Seppe compensare la diminuzione delle forze fisiche, dovuta all’età, con l’esperienza e la tecnica. «Non trovo nulla di male nell’invecchiare». Viktor non ha mai azzardato difficoltà eccessive, consapevole che altra era la sua missione nel mondo e anche che non aveva il tempo per un allenamento costante. Un sogno irrealizzato: «Cosa voglio di più? Posso dirlo con molta precisione: mi sarebbe piaciuto essere il primo a scalare una vetta.
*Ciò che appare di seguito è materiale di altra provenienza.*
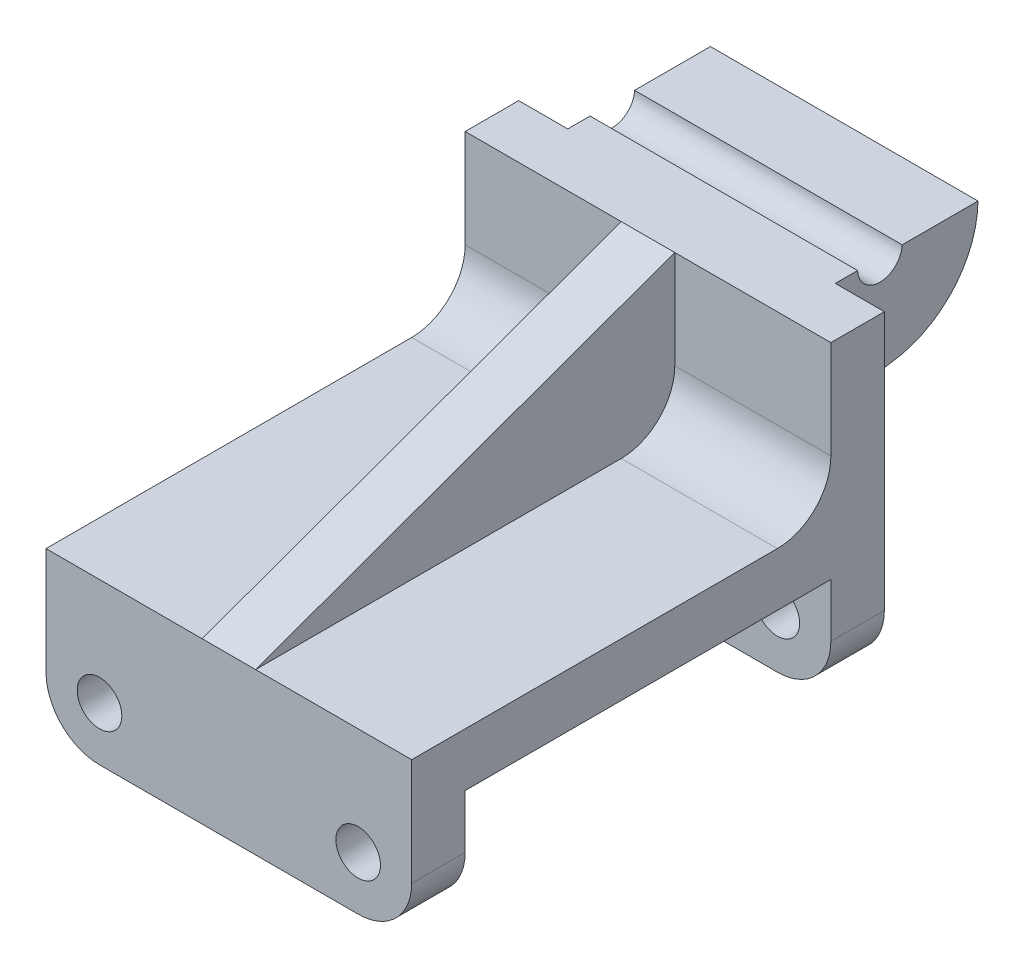
ISO-10303-21;
HEADER;
FILE_DESCRIPTION(('STEP AP214'),'2;1');
FILE_NAME('part.step','',(''),(''),'','','');
FILE_SCHEMA(('AUTOMOTIVE_DESIGN { 1 0 10303 214 1 1 1 1 }'));
ENDSEC;
DATA;
#1=APPLICATION_CONTEXT('core data for automotive mechanical design processes');
#2=APPLICATION_PROTOCOL_DEFINITION('international standard','automotive_design',2000,#1);
#3=PRODUCT_CONTEXT('',#1,'mechanical');
#4=PRODUCT('Part','Part','',(#3));
#5=PRODUCT_RELATED_PRODUCT_CATEGORY('part','',(#4));
#6=PRODUCT_DEFINITION_FORMATION('','',#4);
#7=PRODUCT_DEFINITION_CONTEXT('part definition',#1,'design');
#8=PRODUCT_DEFINITION('design','',#6,#7);
#9=PRODUCT_DEFINITION_SHAPE('','',#8);
#10=(LENGTH_UNIT() NAMED_UNIT(*) SI_UNIT(.MILLI.,.METRE.));
#11=(NAMED_UNIT(*) PLANE_ANGLE_UNIT() SI_UNIT($,.RADIAN.));
#12=(NAMED_UNIT(*) SI_UNIT($,.STERADIAN.) SOLID_ANGLE_UNIT());
#13=UNCERTAINTY_MEASURE_WITH_UNIT(LENGTH_MEASURE(1.E-05),#10,'distance_accuracy_value','');
#14=(GEOMETRIC_REPRESENTATION_CONTEXT(3) GLOBAL_UNCERTAINTY_ASSIGNED_CONTEXT((#13)) GLOBAL_UNIT_ASSIGNED_CONTEXT((#10,
#11,#12)) REPRESENTATION_CONTEXT('',''));
#15=CARTESIAN_POINT('',(0.,0.,0.));
#16=DIRECTION('',(0.,0.,1.));
#17=DIRECTION('',(1.,0.,0.));
#18=AXIS2_PLACEMENT_3D('',#15,#16,#17);
#19=CARTESIAN_POINT('',(82.,70.,-94.));
#20=DIRECTION('',(0.,0.,-1.));
#21=DIRECTION('',(-1.,0.,0.));
#22=AXIS2_PLACEMENT_3D('',#19,#20,#21);
#23=PLANE('',#22);
#24=DIRECTION('',(0.,-1.,0.));
#25=VECTOR('',#24,1.);
#26=CARTESIAN_POINT('',(0.,70.,-94.));
#27=LINE('',#26,#25);
#28=CARTESIAN_POINT('',(0.,70.,-94.));
#29=VERTEX_POINT('',#28);
#30=CARTESIAN_POINT('',(0.,48.,-94.));
#31=VERTEX_POINT('',#30);
#32=EDGE_CURVE('E315',#29,#31,#27,.T.);
#33=ORIENTED_EDGE('',*,*,#32,.T.);
#34=DIRECTION('',(-1.,0.,0.));
#35=VECTOR('',#34,1.);
#36=CARTESIAN_POINT('',(35.,48.,-94.));
#37=LINE('',#36,#35);
#38=CARTESIAN_POINT('',(35.,48.,-94.));
#39=VERTEX_POINT('',#38);
#40=EDGE_CURVE('E298',#31,#39,#37,.F.);
#41=ORIENTED_EDGE('',*,*,#40,.T.);
#42=DIRECTION('',(0.,-1.,0.));
#43=VECTOR('',#42,1.);
#44=CARTESIAN_POINT('',(35.,70.,-94.));
#45=LINE('',#44,#43);
#46=CARTESIAN_POINT('',(35.,70.,-94.));
#47=VERTEX_POINT('',#46);
#48=EDGE_CURVE('E335',#47,#39,#45,.T.);
#49=ORIENTED_EDGE('',*,*,#48,.F.);
#50=DIRECTION('',(-1.,0.,0.));
#51=VECTOR('',#50,1.);
#52=CARTESIAN_POINT('',(82.,70.,-94.));
#53=LINE('',#52,#51);
#54=EDGE_CURVE('E321',#47,#29,#53,.T.);
#55=ORIENTED_EDGE('',*,*,#54,.T.);
#56=EDGE_LOOP('',(#33,#41,#49,#55));
#57=FACE_BOUND('',#56,.T.);
#58=ADVANCED_FACE('F39',(#57),#23,.F.);
#59=CARTESIAN_POINT('',(82.,36.,-94.));
#60=DIRECTION('',(0.,-1.,0.));
#61=DIRECTION('',(0.,0.,-1.));
#62=AXIS2_PLACEMENT_3D('',#59,#60,#61);
#63=PLANE('',#62);
#64=DIRECTION('',(0.,0.,1.));
#65=VECTOR('',#64,1.);
#66=CARTESIAN_POINT('',(35.,36.,-94.));
#67=LINE('',#66,#65);
#68=CARTESIAN_POINT('',(35.,36.,-82.));
#69=VERTEX_POINT('',#68);
#70=CARTESIAN_POINT('',(35.,36.,0.));
#71=VERTEX_POINT('',#70);
#72=EDGE_CURVE('E289',#69,#71,#67,.T.);
#73=ORIENTED_EDGE('',*,*,#72,.F.);
#74=DIRECTION('',(-1.,0.,0.));
#75=VECTOR('',#74,1.);
#76=CARTESIAN_POINT('',(0.,36.,-82.));
#77=LINE('',#76,#75);
#78=CARTESIAN_POINT('',(0.,36.,-82.));
#79=VERTEX_POINT('',#78);
#80=EDGE_CURVE('E291',#69,#79,#77,.T.);
#81=ORIENTED_EDGE('',*,*,#80,.T.);
#82=DIRECTION('',(0.,0.,1.));
#83=VECTOR('',#82,1.);
#84=CARTESIAN_POINT('',(0.,36.,-94.));
#85=LINE('',#84,#83);
#86=CARTESIAN_POINT('',(0.,36.,0.));
#87=VERTEX_POINT('',#86);
#88=EDGE_CURVE('E314',#79,#87,#85,.T.);
#89=ORIENTED_EDGE('',*,*,#88,.T.);
#90=DIRECTION('',(-1.,0.,0.));
#91=VECTOR('',#90,1.);
#92=CARTESIAN_POINT('',(82.,36.,0.));
#93=LINE('',#92,#91);
#94=EDGE_CURVE('E340',#71,#87,#93,.T.);
#95=ORIENTED_EDGE('',*,*,#94,.F.);
#96=EDGE_LOOP('',(#73,#81,#89,#95));
#97=FACE_BOUND('',#96,.T.);
#98=ADVANCED_FACE('F333',(#97),#63,.F.);
#99=CARTESIAN_POINT('',(82.,36.,0.));
#100=DIRECTION('',(0.,0.,-1.));
#101=DIRECTION('',(0.,1.,0.));
#102=AXIS2_PLACEMENT_3D('',#99,#100,#101);
#103=PLANE('',#102);
#104=CARTESIAN_POINT('',(70.,12.,0.));
#105=DIRECTION('',(0.,0.,1.));
#106=DIRECTION('',(1.,0.,0.));
#107=AXIS2_PLACEMENT_3D('',#104,#105,#106);
#108=CIRCLE('',#107,5.);
#109=CARTESIAN_POINT('',(75.,12.,0.));
#110=VERTEX_POINT('',#109);
#111=EDGE_CURVE('E362',#110,#110,#108,.T.);
#112=ORIENTED_EDGE('',*,*,#111,.F.);
#113=EDGE_LOOP('',(#112));
#114=FACE_BOUND('',#113,.T.);
#115=CARTESIAN_POINT('',(82.,36.,0.));
#116=VERTEX_POINT('',#115);
#117=CARTESIAN_POINT('',(47.,36.,0.));
#118=VERTEX_POINT('',#117);
#119=EDGE_CURVE('E343',#116,#118,#93,.T.);
#120=ORIENTED_EDGE('',*,*,#119,.T.);
#121=EDGE_CURVE('E342',#118,#71,#93,.T.);
#122=ORIENTED_EDGE('',*,*,#121,.T.);
#123=ORIENTED_EDGE('',*,*,#94,.T.);
#124=DIRECTION('',(0.,-1.,0.));
#125=VECTOR('',#124,1.);
#126=CARTESIAN_POINT('',(0.,36.,0.));
#127=LINE('',#126,#125);
#128=CARTESIAN_POINT('',(0.,12.,0.));
#129=VERTEX_POINT('',#128);
#130=EDGE_CURVE('E387',#87,#129,#127,.T.);
#131=ORIENTED_EDGE('',*,*,#130,.T.);
#132=CARTESIAN_POINT('',(12.,12.,0.));
#133=DIRECTION('',(0.,0.,-1.));
#134=DIRECTION('',(0.,1.,0.));
#135=AXIS2_PLACEMENT_3D('',#132,#133,#134);
#136=CIRCLE('',#135,12.);
#137=CARTESIAN_POINT('',(12.,0.,0.));
#138=VERTEX_POINT('',#137);
#139=EDGE_CURVE('E287',#129,#138,#136,.F.);
#140=ORIENTED_EDGE('',*,*,#139,.T.);
#141=DIRECTION('',(-1.,0.,0.));
#142=VECTOR('',#141,1.);
#143=CARTESIAN_POINT('',(82.,0.,0.));
#144=LINE('',#143,#142);
#145=CARTESIAN_POINT('',(70.,0.,0.));
#146=VERTEX_POINT('',#145);
#147=EDGE_CURVE('E249',#146,#138,#144,.T.);
#148=ORIENTED_EDGE('',*,*,#147,.F.);
#149=CARTESIAN_POINT('',(70.,12.,0.));
#150=DIRECTION('',(0.,0.,-1.));
#151=DIRECTION('',(0.,1.,0.));
#152=AXIS2_PLACEMENT_3D('',#149,#150,#151);
#153=CIRCLE('',#152,12.);
#154=CARTESIAN_POINT('',(82.,12.,0.));
#155=VERTEX_POINT('',#154);
#156=EDGE_CURVE('E284',#146,#155,#153,.F.);
#157=ORIENTED_EDGE('',*,*,#156,.T.);
#158=DIRECTION('',(0.,-1.,0.));
#159=VECTOR('',#158,1.);
#160=CARTESIAN_POINT('',(82.,36.,0.));
#161=LINE('',#160,#159);
#162=EDGE_CURVE('E390',#116,#155,#161,.T.);
#163=ORIENTED_EDGE('',*,*,#162,.F.);
#164=EDGE_LOOP('',(#120,#122,#123,#131,#140,#148,#157,#163));
#165=FACE_BOUND('',#164,.T.);
#166=CARTESIAN_POINT('',(12.,12.,0.));
#167=DIRECTION('',(0.,0.,1.));
#168=DIRECTION('',(1.,0.,0.));
#169=AXIS2_PLACEMENT_3D('',#166,#167,#168);
#170=CIRCLE('',#169,5.);
#171=CARTESIAN_POINT('',(17.,12.,0.));
#172=VERTEX_POINT('',#171);
#173=EDGE_CURVE('E370',#172,#172,#170,.T.);
#174=ORIENTED_EDGE('',*,*,#173,.F.);
#175=EDGE_LOOP('',(#174));
#176=FACE_BOUND('',#175,.T.);
#177=ADVANCED_FACE('F419',(#114,#165,#176),#103,.F.);
#178=CARTESIAN_POINT('',(82.,0.,0.));
#179=DIRECTION('',(0.,1.,0.));
#180=DIRECTION('',(0.,0.,1.));
#181=AXIS2_PLACEMENT_3D('',#178,#179,#180);
#182=PLANE('',#181);
#183=ORIENTED_EDGE('',*,*,#147,.T.);
#184=DIRECTION('',(0.,0.,-1.));
#185=VECTOR('',#184,1.);
#186=CARTESIAN_POINT('',(12.,0.,0.));
#187=LINE('',#186,#185);
#188=CARTESIAN_POINT('',(12.,0.,-12.));
#189=VERTEX_POINT('',#188);
#190=EDGE_CURVE('E280',#138,#189,#187,.T.);
#191=ORIENTED_EDGE('',*,*,#190,.T.);
#192=DIRECTION('',(-1.,0.,0.));
#193=VECTOR('',#192,1.);
#194=CARTESIAN_POINT('',(82.,0.,-12.));
#195=LINE('',#194,#193);
#196=CARTESIAN_POINT('',(70.,0.,-12.));
#197=VERTEX_POINT('',#196);
#198=EDGE_CURVE('E250',#197,#189,#195,.T.);
#199=ORIENTED_EDGE('',*,*,#198,.F.);
#200=DIRECTION('',(0.,0.,-1.));
#201=VECTOR('',#200,1.);
#202=CARTESIAN_POINT('',(70.,0.,0.));
#203=LINE('',#202,#201);
#204=EDGE_CURVE('E274',#197,#146,#203,.F.);
#205=ORIENTED_EDGE('',*,*,#204,.T.);
#206=EDGE_LOOP('',(#183,#191,#199,#205));
#207=FACE_BOUND('',#206,.T.);
#208=ADVANCED_FACE('F421',(#207),#182,.F.);
#209=CARTESIAN_POINT('',(82.,0.,-12.));
#210=DIRECTION('',(0.,0.,1.));
#211=DIRECTION('',(0.,-1.,0.));
#212=AXIS2_PLACEMENT_3D('',#209,#210,#211);
#213=PLANE('',#212);
#214=CARTESIAN_POINT('',(70.,12.,-12.));
#215=DIRECTION('',(0.,0.,1.));
#216=DIRECTION('',(0.,-1.,0.));
#217=AXIS2_PLACEMENT_3D('',#214,#215,#216);
#218=CIRCLE('',#217,5.);
#219=CARTESIAN_POINT('',(70.,7.,-12.));
#220=VERTEX_POINT('',#219);
#221=EDGE_CURVE('E380',#220,#220,#218,.T.);
#222=ORIENTED_EDGE('',*,*,#221,.T.);
#223=EDGE_LOOP('',(#222));
#224=FACE_BOUND('',#223,.T.);
#225=ORIENTED_EDGE('',*,*,#198,.T.);
#226=CARTESIAN_POINT('',(12.,12.,-12.));
#227=DIRECTION('',(0.,0.,1.));
#228=DIRECTION('',(0.,-1.,0.));
#229=AXIS2_PLACEMENT_3D('',#226,#227,#228);
#230=CIRCLE('',#229,12.);
#231=CARTESIAN_POINT('',(0.,12.,-12.));
#232=VERTEX_POINT('',#231);
#233=EDGE_CURVE('E285',#189,#232,#230,.F.);
#234=ORIENTED_EDGE('',*,*,#233,.T.);
#235=DIRECTION('',(0.,1.,0.));
#236=VECTOR('',#235,1.);
#237=CARTESIAN_POINT('',(0.,0.,-12.));
#238=LINE('',#237,#236);
#239=CARTESIAN_POINT('',(0.,24.,-12.));
#240=VERTEX_POINT('',#239);
#241=EDGE_CURVE('E404',#232,#240,#238,.T.);
#242=ORIENTED_EDGE('',*,*,#241,.T.);
#243=DIRECTION('',(-1.,0.,0.));
#244=VECTOR('',#243,1.);
#245=CARTESIAN_POINT('',(82.,24.,-12.));
#246=LINE('',#245,#244);
#247=CARTESIAN_POINT('',(82.,24.,-12.));
#248=VERTEX_POINT('',#247);
#249=EDGE_CURVE('E242',#248,#240,#246,.T.);
#250=ORIENTED_EDGE('',*,*,#249,.F.);
#251=DIRECTION('',(0.,1.,0.));
#252=VECTOR('',#251,1.);
#253=CARTESIAN_POINT('',(82.,0.,-12.));
#254=LINE('',#253,#252);
#255=CARTESIAN_POINT('',(82.,12.,-12.));
#256=VERTEX_POINT('',#255);
#257=EDGE_CURVE('E388',#256,#248,#254,.T.);
#258=ORIENTED_EDGE('',*,*,#257,.F.);
#259=CARTESIAN_POINT('',(70.,12.,-12.));
#260=DIRECTION('',(0.,0.,1.));
#261=DIRECTION('',(0.,-1.,0.));
#262=AXIS2_PLACEMENT_3D('',#259,#260,#261);
#263=CIRCLE('',#262,12.);
#264=EDGE_CURVE('E278',#256,#197,#263,.F.);
#265=ORIENTED_EDGE('',*,*,#264,.T.);
#266=EDGE_LOOP('',(#225,#234,#242,#250,#258,#265));
#267=FACE_BOUND('',#266,.T.);
#268=CARTESIAN_POINT('',(12.,12.,-12.));
#269=DIRECTION('',(0.,0.,1.));
#270=DIRECTION('',(0.,-1.,0.));
#271=AXIS2_PLACEMENT_3D('',#268,#269,#270);
#272=CIRCLE('',#271,5.);
#273=CARTESIAN_POINT('',(12.,7.,-12.));
#274=VERTEX_POINT('',#273);
#275=EDGE_CURVE('E382',#274,#274,#272,.T.);
#276=ORIENTED_EDGE('',*,*,#275,.T.);
#277=EDGE_LOOP('',(#276));
#278=FACE_BOUND('',#277,.T.);
#279=ADVANCED_FACE('F436',(#224,#267,#278),#213,.F.);
#280=CARTESIAN_POINT('',(82.,24.,-12.));
#281=DIRECTION('',(0.,1.,0.));
#282=DIRECTION('',(0.,0.,1.));
#283=AXIS2_PLACEMENT_3D('',#280,#281,#282);
#284=PLANE('',#283);
#285=ORIENTED_EDGE('',*,*,#249,.T.);
#286=DIRECTION('',(0.,0.,-1.));
#287=VECTOR('',#286,1.);
#288=CARTESIAN_POINT('',(0.,24.,-12.));
#289=LINE('',#288,#287);
#290=CARTESIAN_POINT('',(0.,24.,-94.));
#291=VERTEX_POINT('',#290);
#292=EDGE_CURVE('E410',#240,#291,#289,.T.);
#293=ORIENTED_EDGE('',*,*,#292,.T.);
#294=DIRECTION('',(-1.,0.,0.));
#295=VECTOR('',#294,1.);
#296=CARTESIAN_POINT('',(82.,24.,-94.));
#297=LINE('',#296,#295);
#298=CARTESIAN_POINT('',(82.,24.,-94.));
#299=VERTEX_POINT('',#298);
#300=EDGE_CURVE('E241',#299,#291,#297,.T.);
#301=ORIENTED_EDGE('',*,*,#300,.F.);
#302=DIRECTION('',(0.,0.,-1.));
#303=VECTOR('',#302,1.);
#304=CARTESIAN_POINT('',(82.,24.,-12.));
#305=LINE('',#304,#303);
#306=EDGE_CURVE('E395',#248,#299,#305,.T.);
#307=ORIENTED_EDGE('',*,*,#306,.F.);
#308=EDGE_LOOP('',(#285,#293,#301,#307));
#309=FACE_BOUND('',#308,.T.);
#310=ADVANCED_FACE('F437',(#309),#284,.F.);
#311=CARTESIAN_POINT('',(82.,24.,-94.));
#312=DIRECTION('',(0.,0.,-1.));
#313=DIRECTION('',(0.,1.,0.));
#314=AXIS2_PLACEMENT_3D('',#311,#312,#313);
#315=PLANE('',#314);
#316=CARTESIAN_POINT('',(70.,12.,-94.));
#317=DIRECTION('',(0.,0.,-1.));
#318=DIRECTION('',(0.,1.,0.));
#319=AXIS2_PLACEMENT_3D('',#316,#317,#318);
#320=CIRCLE('',#319,5.);
#321=CARTESIAN_POINT('',(70.,17.,-94.));
#322=VERTEX_POINT('',#321);
#323=EDGE_CURVE('E368',#322,#322,#320,.T.);
#324=ORIENTED_EDGE('',*,*,#323,.T.);
#325=EDGE_LOOP('',(#324));
#326=FACE_BOUND('',#325,.T.);
#327=ORIENTED_EDGE('',*,*,#300,.T.);
#328=DIRECTION('',(0.,-1.,0.));
#329=VECTOR('',#328,1.);
#330=CARTESIAN_POINT('',(0.,24.,-94.));
#331=LINE('',#330,#329);
#332=CARTESIAN_POINT('',(0.,12.,-94.));
#333=VERTEX_POINT('',#332);
#334=EDGE_CURVE('E407',#291,#333,#331,.T.);
#335=ORIENTED_EDGE('',*,*,#334,.T.);
#336=CARTESIAN_POINT('',(12.,12.,-94.));
#337=DIRECTION('',(0.,0.,-1.));
#338=DIRECTION('',(0.,1.,0.));
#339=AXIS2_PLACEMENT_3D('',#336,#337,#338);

Una volta fui invitato dal mio compagno di cordata Rudolf Reif a una scalata mai tentata prima; non potei però accettare, poiché non potevo prendermi vacanze dall’ospedale». Nel 1987, a 82 anni, fu invitato a tenere un discorso in occasione dei 125 anni del Club Alpino Austriaco. «Quando noi, i più vecchi tra noi, noi che abbiamo superato la soglia del nono decennio, guardiamo indietro alle esperienze che ci hanno donato montagne, pareti e creste, allora potremmo sentire il cuore pesante; ma queste parole di un poeta ci consolano: “Ciò che hai vissuto nessuna forza al mondo può sottrartelo”...». L’amico e collega Giambattista Torello ha detto di lui: «Viktor Frankl resterà nella storia della psichiatria come terapeuta del “male del secolo XX”, come strenuo difensore della libertà umana contro ogni cieco determinismo scientifico-naturale, come splendido fenomenologo dell’amore, come ottimista scopritore dell’essere umano aperto alla Trascendenza».